Franklin has vastly improved over the last year, I hope the stability gains continue.
Franklin is the only one I am using now. It is not always stable. I don't know why.
I do not know where to vent my frustration with the poor performing franklin login nodes. The login nodes are relatively slow compared to basic workstations as well as being highly used, which of course makes them even slower. Very difficult to compile C++ code and do other basic tasks... Of course, some of this login node slowness, but not all, is likely due to lustre. And I didn't see where I could report that lustre has been difficult to work with. Losing all of my data on /scratch was particularly painful. The amount of space (and especially inodes) given to users is simply too small. I realize users can request more space (and I do), but I don't feel that the work I'm doing is particularly special with regard to disk space. It just seems unbalanced to have such a powerful machine and such a small amount of space to work with. I wish there was an easier way to give/take files to users on the machine. Creating a /project directory is too much overhead for simple give/takes.
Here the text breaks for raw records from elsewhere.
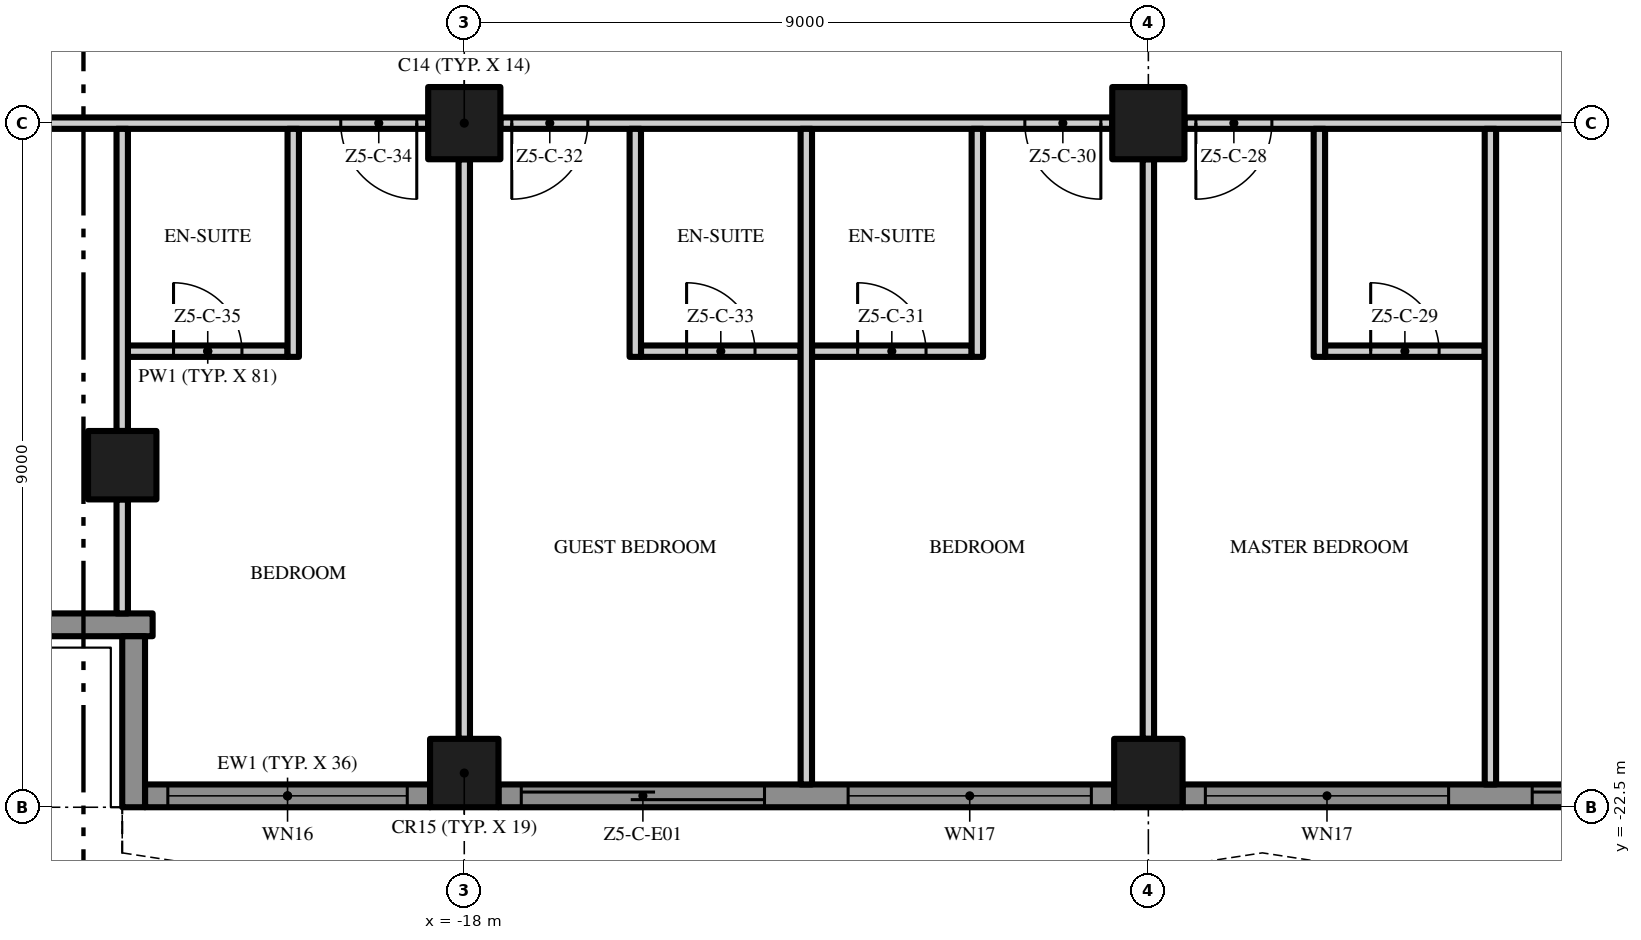
"""IFC4 building model, lengths in metres.
Left out: names, types, materials, properties, quantities, classifications, styles, units other than length and angle.
Written with IfcOpenShell. Run it as: python <this file> out.ifc"""

import sys

from ifc_helpers import new_model, si_unit, direction, frame, frame_2d, origin, origin_2d, place, context, subcontext, project, spatial, polyline, rectangle, outline, extrude, element, fill, save


model = new_model("IFC4")
c1 = context("Model", 3, precision=1e-05, world=origin(), true_north=direction((0.0, 1.0)))
c2 = subcontext(c1, "Body", "Model", "MODEL_VIEW")
j1 = project(units=[si_unit("LENGTHUNIT", "METRE"), si_unit("PLANEANGLEUNIT", "RADIAN")], contexts=[c1])
p1 = place(None, origin())
s1 = spatial("IfcSite", under=j1, at=p1, CompositionType="ELEMENT")
p2 = place(p1, origin())
s2 = spatial("IfcBuilding", under=s1, at=p2, CompositionType="ELEMENT")
p3 = place(p2, frame((0.0, 0.0, 265.4)))
s3 = spatial("IfcBuildingStorey", under=s2, at=p3, CompositionType="ELEMENT", Elevation=265.4)
p4 = place(p3, frame((-18.0, -13.5, 0.0), z_axis=(0.0, 0.0, 1.0), x_axis=(1.0, 0.0, 0.0)))
e1 = element("IfcColumn", 1, at=p4, inside=s3, PredefinedType="COLUMN", context=c2, shape_type="SweptSolid", body=[
    extrude(rectangle(XDim=0.95, YDim=0.95, at=origin_2d()), origin(), (0.0, 0.0, 1.0), 3.5),
])
for number, where, z_axis, x_axis in (
    (2, (-18.0, -22.05, 0.0), (0.0, 0.0, 1.0), (1.0, 0.0, 0.0)),
    (3, (-22.5, -18.0, 0.0), (0.0, 0.0, 1.0), (1.0, 0.0, 0.0)),
):
    element("IfcColumn", number, at=place(p3, frame(where, z_axis=z_axis, x_axis=x_axis)), inside=s3, PredefinedType="COLUMN", context=c2, shape_type="SweptSolid", body=[
        extrude(rectangle(XDim=0.9, YDim=0.9, at=origin_2d()), origin(), (0.0, 0.0, 1.0), 3.5),
    ])
p5 = place(p3, frame((-9.0, -13.5, 0.0), z_axis=(0.0, 0.0, 1.0), x_axis=(1.0, 0.0, 0.0)))
e4 = element("IfcColumn", 4, at=p5, inside=s3, PredefinedType="COLUMN", context=c2, shape_type="SweptSolid", body=[
    extrude(rectangle(XDim=0.95, YDim=0.95, at=origin_2d()), origin(), (0.0, 0.0, 1.0), 3.5),
])
p6 = place(p3, frame((-9.0, -22.05, 0.0), z_axis=(0.0, 0.0, 1.0), x_axis=(1.0, 0.0, 0.0)))
e5 = element("IfcColumn", 5, at=p6, inside=s3, PredefinedType="COLUMN", context=c2, shape_type="SweptSolid", body=[
    extrude(rectangle(XDim=0.9, YDim=0.9, at=origin_2d()), origin(), (0.0, 0.0, 1.0), 3.5),
])
p7 = place(p3, frame((-18.45, -22.35, 0.0), z_axis=(0.0, 0.0, 1.0), x_axis=(-1.0, 0.0, 0.0)))
e6 = element("IfcWall", 6, at=p7, inside=s3, PredefinedType="SOLIDWALL", context=c2, shape_type="SweptSolid", body=[
    extrude(rectangle(XDim=3.75, YDim=0.3, at=frame_2d((1.875, 0.0))), origin(), (0.0, 0.0, 1.0), 3.5),
])
p8 = place(p7, frame((0.3, 0.0, 0.45)))
e7 = element("IfcOpeningElement", 7, at=p8, cuts=e6, PredefinedType="OPENING", context=c2, shape_type="SweptSolid", body=[
    extrude(rectangle(XDim=3.15, YDim=2.65, at=frame_2d((1.575, 1.325))), frame((0.0, 0.16, 0.0), z_axis=(0.0, -1.0, 0.0), x_axis=(1.0, 0.0, 0.0)), (0.0, 0.0, 1.0), 0.32),
])
p9 = place(p3, frame((-9.45, -22.35, 0.0), z_axis=(0.0, 0.0, 1.0), x_axis=(-1.0, 0.0, 0.0)))
e8 = element("IfcWall", 8, at=p9, inside=s3, PredefinedType="SOLIDWALL", context=c2, shape_type="SweptSolid", body=[
    extrude(rectangle(XDim=8.1, YDim=0.3, at=frame_2d((4.05, 0.0))), origin(), (0.0, 0.0, 1.0), 3.5),
])
p10 = place(p9, frame((4.6, 0.0, 0.0)))
e9 = element("IfcOpeningElement", 9, at=p10, cuts=e8, PredefinedType="OPENING", context=c2, shape_type="SweptSolid", body=[
    extrude(rectangle(XDim=3.2, YDim=2.4, at=frame_2d((1.6, 1.2))), frame((0.0, 0.16, 0.0), z_axis=(0.0, -1.0, 0.0), x_axis=(1.0, 0.0, 0.0)), (0.0, 0.0, 1.0), 0.32),
])
p11 = place(p9, frame((0.3, 0.0, 0.45)))
e10 = element("IfcOpeningElement", 10, at=p11, cuts=e8, PredefinedType="OPENING", context=c2, shape_type="SweptSolid", body=[
    extrude(rectangle(XDim=3.2, YDim=2.65, at=frame_2d((1.6, 1.325))), frame((0.0, 0.16, 0.0), z_axis=(0.0, -1.0, 0.0), x_axis=(1.0, 0.0, 0.0)), (0.0, 0.0, 1.0), 0.32),
])
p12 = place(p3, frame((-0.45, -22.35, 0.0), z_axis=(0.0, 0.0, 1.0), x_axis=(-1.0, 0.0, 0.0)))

Congratulations for Franklin and the general maintenance of NERSC systems!
There was a period that franklin was quite unstable. I am satisfied with franklin except for this problem.
- Additional feedback - allocations: 4 comments
-
It is very important to renew allocation time (get more resources).
It would be much better to accept applications for large allocations quarterly. With the annual application currently used, one has to guess what funding will be in place to be able to use the allocation and plan ahead. Then, if the funding does not match up with expectations, one is left with a lot of left over cycles.
About the allocations process - I am a junior faculty member at a University, and I would like to comment about the allocation reductions. I realize that it is important to have a program whereby unused or underused hours should be reallocated. However, as a junior faculty member who is establishing a research group, a good portion of my computational resources will be used over the summer months, at least until my students get established in research. As such, I am finding that I am becoming susceptible to the first and second quarter allocation reductions. The current system negatively impacts junior faculty members disproportionately. I am not sure what to suggest to make it better, though perhaps some lenience could be given to junior faculty members as their research groups are established. Thanks!
Could I get more CPU time from other PIs who have a lot of surplus during the first half year? And this CPU time may be just specified that to Franklin so that such a management would not affect others.
- Additional feedback - other: 7 comments
-
The ticket system is designed to support individual users, but fails badly when there is a group-wide issue. One should be able to make it possible for others to add comments on one's ticket, but currently there is no way to even make a ticket visible to other users.
I am running NCAR climate models, and I guess there are other people who do that. I wish there is a web page (I think there used to be a web page but I cannot find it any more) so that we can get some help from it.
Thanks for such a fantastic resource (people and systems)!!! Mike Barad
NERSC is the BEST!
PDSF is pricing itself out of the market.
Many of the services are used by others in my group, I am a low level user so my answers may not be the most informative for some categories.
We do almost all of our post-processing using NCL which does not work well on davinci at all right now. This one fact renders NERSC practically useless to me.